Today I received a book in the mail to review for the AdviceSisters Enews (subscribe at: http://www.advicesisters.net/thankyou.html). The book is: “The Best Kept Secrets of the Real Cougar Woman–How Old Did You Say You Are?” by Linda Franklin. I had asked for a copy because I’ve heard the term “cougar” cropping up more and more in conversations and in the media. This book was more about how to look sexy and young when gravity and age are beginning to take it’s toll, but I began to wonder…what’s all the fuss about the term “cougar?”
The definition of a cougar, until recently, was just: “A large, solid fawn-colored cat that resembles a short-legged maneless lion. Called also puma, mountain lion, Panthera concolor (syn. Felis concolor). “
But the media likes to make analogies, and in today’s world there’s another definition for this ferocious animal. It’s a negative term for an older woman who dates younger men. The term “cougar” in conjunction with social life leads one to believe these older women who date younger men are aggressive (like the cougar) and are “attacking” the youngsters like they are “prey” to satisfy their lustful urges.
What confuses me is why men, who have traditionally made connections to young women–sometimes 3 and 4 decades younger aren’t called cougars or at least the old-fashioned concept of a lecher. Men who date girls young enough to be their daughters are simply called: “Lucky.”
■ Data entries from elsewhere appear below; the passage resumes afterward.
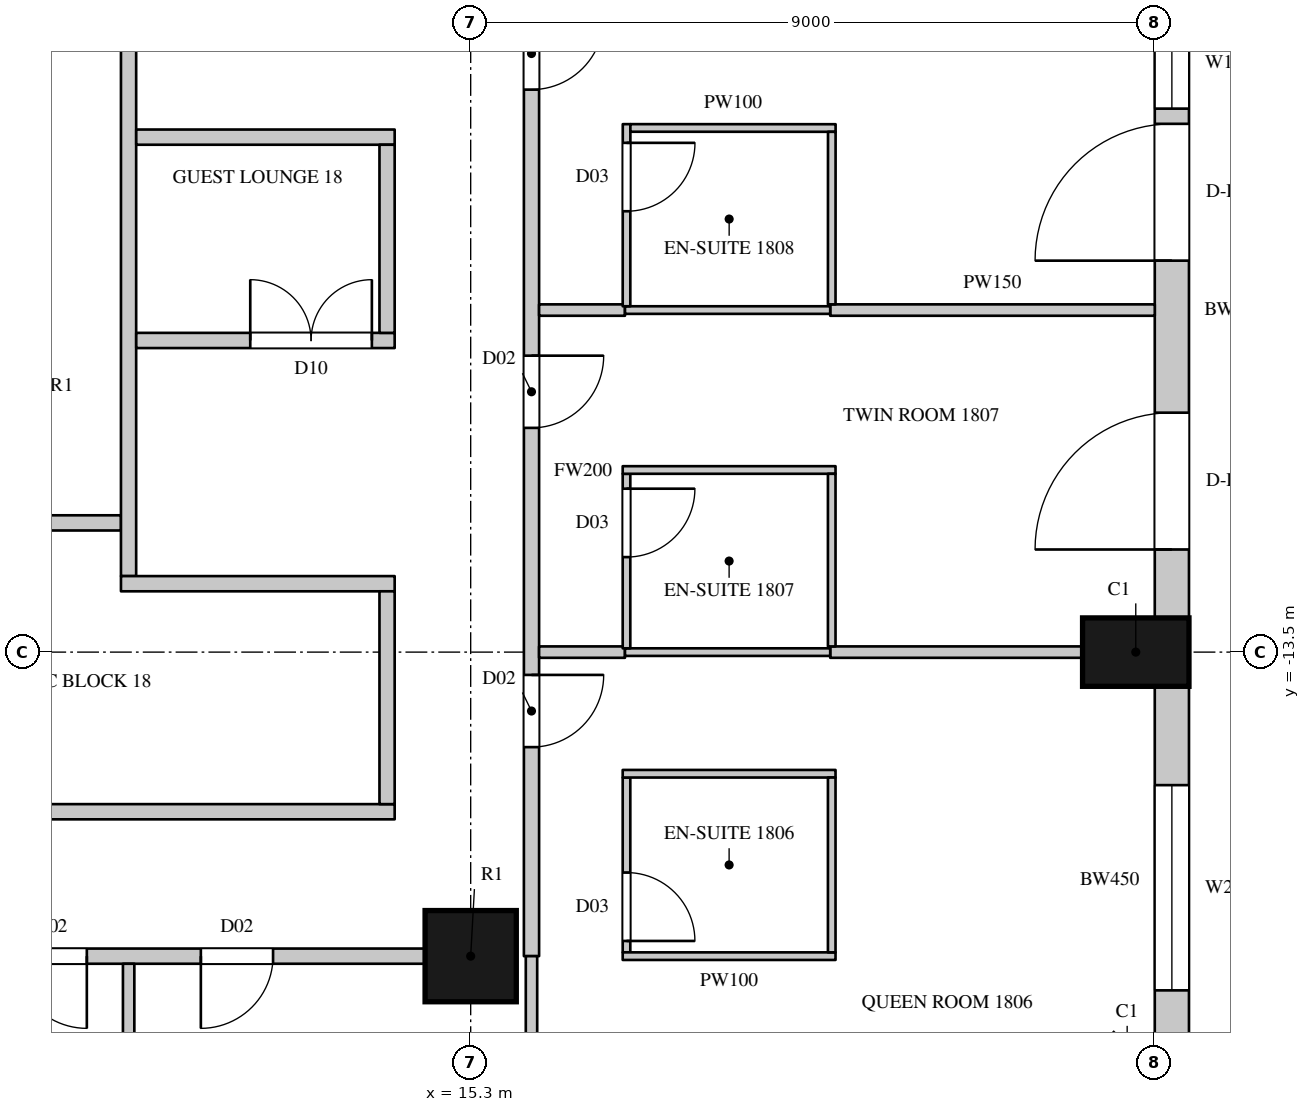
"""IFC4 building model, lengths in metres.
Left out: names, types, materials, properties, quantities, classifications, styles, units other than length and angle.
Written with IfcOpenShell. Run it as: python <this file> out.ifc"""

import sys

from ifc_helpers import new_model, si_unit, direction, frame, frame_2d, origin, origin_2d, place, context, subcontext, project, spatial, rectangle, circle, extrude, element, fill, save


model = new_model("IFC4")
c1 = context("Model", 3, precision=1e-05, world=origin(), true_north=direction((0.0, 1.0)))
c2 = subcontext(c1, "Body", "Model", "MODEL_VIEW")
j1 = project(units=[si_unit("LENGTHUNIT", "METRE"), si_unit("PLANEANGLEUNIT", "RADIAN")], contexts=[c1])
p1 = place(None, origin())
s1 = spatial("IfcSite", under=j1, at=p1, CompositionType="ELEMENT")
p2 = place(p1, origin())
s2 = spatial("IfcBuilding", under=s1, at=p2, CompositionType="ELEMENT")
p3 = place(p2, frame((0.0, 0.0, 95.1)))
s3 = spatial("IfcBuildingStorey", under=s2, at=p3, CompositionType="ELEMENT", Elevation=95.1)
p4 = place(p3, frame((24.05, -13.5, 0.0), z_axis=(0.0, 0.0, 1.0), x_axis=(0.0, 1.0, 0.0)))
e1 = element("IfcColumn", 1, at=p4, inside=s3, PredefinedType="COLUMN", context=c2, shape_type="SweptSolid", body=[
    extrude(rectangle(XDim=0.9, YDim=1.4, at=origin_2d()), origin(), (0.0, 0.0, 1.0), 3.6),
])
p5 = place(p3, frame((15.3, -17.5, 0.0), z_axis=(0.0, 0.0, 1.0), x_axis=(1.0, 0.0, 0.0)))
e2 = element("IfcColumn", 2, at=p5, inside=s3, PredefinedType="COLUMN", context=c2, shape_type="SweptSolid", body=[
    extrude(circle(Radius=0.6, at=origin_2d()), origin(), (0.0, 0.0, 1.0), 3.6),
])
p6 = place(p3, frame((24.525, -19.064, 0.0), z_axis=(0.0, 0.0, 1.0), x_axis=(0.0, 1.0, 0.0)))
e3 = element("IfcWall", 3, at=p6, inside=s3, PredefinedType="SOLIDWALL", context=c2, shape_type="SweptSolid", body=[
    extrude(rectangle(XDim=5.114, YDim=0.45, at=frame_2d((2.557, 0.0))), origin(), (0.0, 0.0, 1.0), 3.3),
])
p7 = place(p6, frame((1.114, 0.0, 1.05)))
e4 = element("IfcOpeningElement", 4, at=p7, cuts=e3, PredefinedType="OPENING", context=c2, shape_type="SweptSolid", body=[
    extrude(rectangle(XDim=2.7, YDim=2.0, at=frame_2d((1.35, 1.0))), frame((0.0, 0.235, 0.0), z_axis=(0.0, -1.0, 0.0), x_axis=(1.0, 0.0, 0.0)), (0.0, 0.0, 1.0), 0.47),
])
p8 = place(p3, frame((24.525, -13.05, 0.0), z_axis=(0.0, 0.0, 1.0), x_axis=(0.0, 1.0, 0.0)))
e5 = element("IfcWall", 5, at=p8, inside=s3, PredefinedType="SOLIDWALL", context=c2, shape_type="SweptSolid", body=[
    extrude(rectangle(XDim=8.1, YDim=0.45, at=frame_2d((4.05, 0.0))), origin(), (0.0, 0.0, 1.0), 3.3),
])
p9 = place(p8, frame((0.9, 0.0, 0.0)))
e6 = element("IfcOpeningElement", 6, at=p9, cuts=e5, PredefinedType="OPENING", context=c2, shape_type="SweptSolid", body=[
    extrude(rectangle(XDim=1.8, YDim=2.4, at=frame_2d((0.9, 1.2))), frame((0.0, 0.235, 0.0), z_axis=(0.0, -1.0, 0.0), x_axis=(1.0, 0.0, 0.0)), (0.0, 0.0, 1.0), 0.47),
])
p10 = place(p8, frame((4.7, 0.0, 0.0)))
e7 = element("IfcOpeningElement", 7, at=p10, cuts=e5, PredefinedType="OPENING", context=c2, shape_type="SweptSolid", body=[
    extrude(rectangle(XDim=1.8, YDim=2.4, at=frame_2d((0.9, 1.2))), frame((0.0, 0.235, 0.0), z_axis=(0.0, -1.0, 0.0), x_axis=(1.0, 0.0, 0.0)), (0.0, 0.0, 1.0), 0.47),
])
p11 = place(p8, frame((6.7, 0.0, 1.05)))
e8 = element("IfcOpeningElement", 8, at=p11, cuts=e5, PredefinedType="OPENING", context=c2, shape_type="SweptSolid", body=[
    extrude(rectangle(XDim=1.2, YDim=2.0, at=frame_2d((0.6, 1.0))), frame((0.0, 0.235, 0.0), z_axis=(0.0, -1.0, 0.0), x_axis=(1.0, 0.0, 0.0)), (0.0, 0.0, 1.0), 0.47),
])
p12 = place(p3, frame((6.9, -17.5, 0.0), z_axis=(0.0, 0.0, 1.0), x_axis=(1.0, 0.0, 0.0)))
e9 = element("IfcWall", 9, at=p12, inside=s3, PredefinedType="PARTITIONING", context=c2, shape_type="SweptSolid", body=[
    extrude(rectangle(XDim=7.8, YDim=0.2, at=frame_2d((3.9, 0.0))), origin(), (0.0, 0.0, 1.0), 2.75),
])
p13 = place(p12, frame((2.4, 0.0, 0.0)))
e10 = element("IfcOpeningElement", 10, at=p13, cuts=e9, PredefinedType="OPENING", context=c2, shape_type="SweptSolid", body=[
    extrude(rectangle(XDim=0.95, YDim=2.2, at=frame_2d((0.475, 1.1))), frame((0.0, 0.11, 0.0), z_axis=(0.0, -1.0, 0.0), x_axis=(1.0, 0.0, 0.0)), (0.0, 0.0, 1.0), 0.22),
])
p14 = place(p12, frame((4.85, 0.0, 0.0)))
e11 = element("IfcOpeningElement", 11, at=p14, cuts=e9, PredefinedType="OPENING", context=c2, shape_type="SweptSolid", body=[
    extrude(rectangle(XDim=0.95, YDim=2.2, at=frame_2d((0.475, 1.1))), frame((0.0, 0.11, 0.0), z_axis=(0.0, -1.0, 0.0), x_axis=(1.0, 0.0, 0.0)), (0.0, 0.0, 1.0), 0.22),
])
p15 = place(p3, frame((-8.7, -11.8, 0.0), z_axis=(0.0, 0.0, 1.0), x_axis=(1.0, 0.0, 0.0)))
e12 = element("IfcWall", 12, at=p15, inside=s3, PredefinedType="PARTITIONING", context=c2, shape_type="SweptSolid", body=[
    extrude(rectangle(XDim=19.4, YDim=0.2, at=frame_2d((9.7, 0.0))), origin(), (0.0, 0.0, 1.0), 3.3),
])
p16 = place(p15, frame((6.95, 0.0, 0.0)))
e13 = element("IfcOpeningElement", 13, at=p16, cuts=e12, PredefinedType="OPENING", context=c2, shape_type="SweptSolid", body=[
    extrude(rectangle(XDim=1.5, YDim=2.2, at=frame_2d((0.75, 1.1))), frame((0.0, 0.11, 0.0), z_axis=(0.0, -1.0, 0.0), x_axis=(1.0, 0.0, 0.0)), (0.0, 0.0, 1.0), 0.22),
])
p17 = place(p3, frame((0.1, -15.6, 0.0), z_axis=(0.0, 0.0, 1.0), x_axis=(1.0, 0.0, 0.0)))
e14 = element("IfcWall", 14, at=p17, inside=s3, PredefinedType="PARTITIONING", context=c2, shape_type="SweptSolid", body=[
    extrude(rectangle(XDim=14.2, YDim=0.2, at=frame_2d((7.1, 0.0))), origin(), (0.0, 0.0, 1.0), 3.3),
])
p18 = place(p3, frame((10.799, -12.5, 0.0), z_axis=(0.0, 0.0, 1.0), x_axis=(0.0, 1.0, 0.0)))
e15 = element("IfcWall", 15, at=p18, inside=s3, PredefinedType="PARTITIONING", context=c2, shape_type="SweptSolid", body=[
    extrude(rectangle(XDim=24.2, YDim=0.2, at=frame_2d((12.1, 0.0))), origin(), (0.0, 0.0, 1.0), 3.3),
])
p19 = place(p18, frame((13.15, 0.0, 0.0)))
e16 = element("IfcOpeningElement", 16, at=p19, cuts=e15, PredefinedType="OPENING", context=c2, shape_type="SweptSolid", body=[
    extrude(rectangle(XDim=1.5, YDim=2.2, at=frame_2d((0.75, 1.1))), frame((0.0, 0.11, 0.0), z_axis=(0.0, -1.0, 0.0), x_axis=(1.0, 0.0, 0.0)), (0.0, 0.0, 1.0), 0.22),
])
p20 = place(p3, frame((10.699, -12.6, 0.0), z_axis=(0.0, 0.0, 1.0), x_axis=(1.0, 0.0, 0.0)))
e17 = element("IfcWall", 17, at=p20, inside=s3, PredefinedType="PARTITIONING", context=c2, shape_type="SweptSolid", body=[
    extrude(rectangle(XDim=3.601, YDim=0.2, at=frame_2d((1.801, 0.0))), origin(), (0.0, 0.0, 1.0), 3.3),
])
p21 = place(p3, frame((10.9, -9.4, 0.0), z_axis=(0.0, 0.0, 1.0), x_axis=(1.0, 0.0, 0.0)))
e18 = element("IfcWall", 18, at=p21, inside=s3, PredefinedType="PARTITIONING", context=c2, shape_type="SweptSolid", body=[
    extrude(rectangle(XDim=3.4, YDim=0.2, at=frame_2d((1.7, 0.0))), origin(), (0.0, 0.0, 1.0), 3.3),
])
p22 = place(p21, frame((1.5, 0.0, 0.0)))
e19 = element("IfcOpeningElement", 19, at=p22, cuts=e18, PredefinedType="OPENING", context=c2, shape_type="SweptSolid", body=[
    extrude(rectangle(XDim=1.6, YDim=2.4, at=frame_2d((0.8, 1.2))), frame((0.0, 0.11, 0.0), z_axis=(0.0, -1.0, 0.0), x_axis=(1.0, 0.0, 0.0)), (0.0, 0.0, 1.0), 0.22),
])
p23 = place(p3, frame((10.9, -6.725, 0.0), z_axis=(0.0, 0.0, 1.0), x_axis=(1.0, 0.0, 0.0)))
e20 = element("IfcWall", 20, at=p23, inside=s3, PredefinedType="PARTITIONING", context=c2, shape_type="SweptSolid", body=[
    extrude(rectangle(XDim=3.4, YDim=0.2, at=frame_2d((1.7, 0.0))), origin(), (0.0, 0.0, 1.0), 3.3),
])
p24 = place(p3, frame((14.2, -15.5, 0.0), z_axis=(0.0, 0.0, 1.0), x_axis=(0.0, 1.0, 0.0)))
e21 = element("IfcWall", 21, at=p24, inside=s3, PredefinedType="PARTITIONING", context=c2, shape_type="SweptSolid", body=[
    extrude(rectangle(XDim=2.8, YDim=0.2, at=frame_2d((1.4, 0.0))), origin(), (0.0, 0.0, 1.0), 3.3),
])
p25 = place(p3, frame((14.2, -9.3, 0.0), z_axis=(0.0, 0.0, 1.0), x_axis=(0.0, 1.0, 0.0)))
e22 = element("IfcWall", 22, at=p25, inside=s3, PredefinedType="PARTITIONING", context=c2, shape_type="SweptSolid", body=[
    extrude(rectangle(XDim=2.475, YDim=0.2, at=frame_2d((1.238, 0.0))), origin(), (0.0, 0.0, 1.0), 3.3),
])
p26 = place(p3, frame((16.1, -17.5, 0.0), z_axis=(0.0, 0.0, 1.0), x_axis=(0.0, 1.0, 0.0)))
e23 = element("IfcWall", 23, at=p26, inside=s3, PredefinedType="PARTITIONING", context=c2, shape_type="SweptSolid", body=[
    extrude(rectangle(XDim=12.75, YDim=0.2, at=frame_2d((6.375, 0.0))), origin(), (0.0, 0.0, 1.0), 3.3),
])
p27 = place(p26, frame((2.75, 0.0, 0.0)))
e24 = element("IfcOpeningElement", 24, at=p27, cuts=e23, PredefinedType="OPENING", context=c2, shape_type="SweptSolid", body=[
    extrude(rectangle(XDim=0.95, YDim=2.2, at=frame_2d((0.475, 1.1))), frame((0.0, 0.11, 0.0), z_axis=(0.0, -1.0, 0.0), x_axis=(1.0, 0.0, 0.0)), (0.0, 0.0, 1.0), 0.22),
])
p28 = place(p26, frame((6.95, 0.0, 0.0)))
e25 = element("IfcOpeningElement", 25, at=p28, cuts=e23, PredefinedType="OPENING", context=c2, shape_type="SweptSolid", body=[
    extrude(rectangle(XDim=0.95, YDim=2.2, at=frame_2d((0.475, 1.1))), frame((0.0, 0.11, 0.0), z_axis=(0.0, -1.0, 0.0), x_axis=(1.0, 0.0, 0.0)), (0.0, 0.0, 1.0), 0.22),
])
p29 = place(p26, frame((11.4, 0.0, 0.0)))
e26 = element("IfcOpeningElement", 26, at=p29, cuts=e23, PredefinedType="OPENING", context=c2, shape_type="SweptSolid", body=[
    extrude(rectangle(XDim=0.95, YDim=2.2, at=frame_2d((0.475, 1.1))), frame((0.0, 0.11, 0.0), z_axis=(0.0, -1.0, 0.0), x_axis=(1.0, 0.0, 0.0)), (0.0, 0.0, 1.0), 0.22),
])
p30 = place(p3, frame((10.8, -25.7, 0.0), z_axis=(0.0, 0.0, 1.0), x_axis=(0.0, 1.0, 0.0)))
e27 = element("IfcWall", 27, at=p30, inside=s3, PredefinedType="PARTITIONING", context=c2, shape_type="SweptSolid", body=[
    extrude(rectangle(XDim=8.1, YDim=0.15, at=frame_2d((4.05, 0.0))), origin(), (0.0, 0.0, 1.0), 2.65),
])
p31 = place(p3, frame((16.1, -18.73, 0.0), z_axis=(0.0, 0.0, 1.0), x_axis=(0.0, 1.0, 0.0)))
e28 = element("IfcWall", 28, at=p31, inside=s3, PredefinedType="PARTITIONING", context=c2, shape_type="SweptSolid", body=[
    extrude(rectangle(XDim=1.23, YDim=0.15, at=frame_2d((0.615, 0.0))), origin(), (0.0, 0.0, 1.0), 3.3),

Why isn’t it the same for women?
Celebrities have invited scandal and interest by dating younger men. Just look at Demi Moore, Madonna, Elizabeth Taylor and Joan Collins. But what about the average woman? Is she somehow a predatory, sexually frustrated “animal” whose lusts can only be satisfied by hot, young, impressionable flesh? One of the studies I saw quoted–the online dating service parship.co.uk recently revealed that 280,000 British women over 45 want to date younger men, which is an increase of over 20% in just one year. These women can date men their own age, but often, they find these men lacking both in spirit and in body. The men their own age are often divorced, deathly afraid of commitment, and/or they are seeking substitute mommies for their children, wish to have a family (or another family) before they get too old, or are seeking someone to take care of their personal needs, but not necessarily to be an equal or a cherised mate. These men expect their women to do their laundry, cook their dinner, remember their medication, and carry their luggage when the go on vacation. And in return? Perhaps these willing women will thank science for Viagra and be grateful for a companion-fare ticket to Mexico or the Caribbean???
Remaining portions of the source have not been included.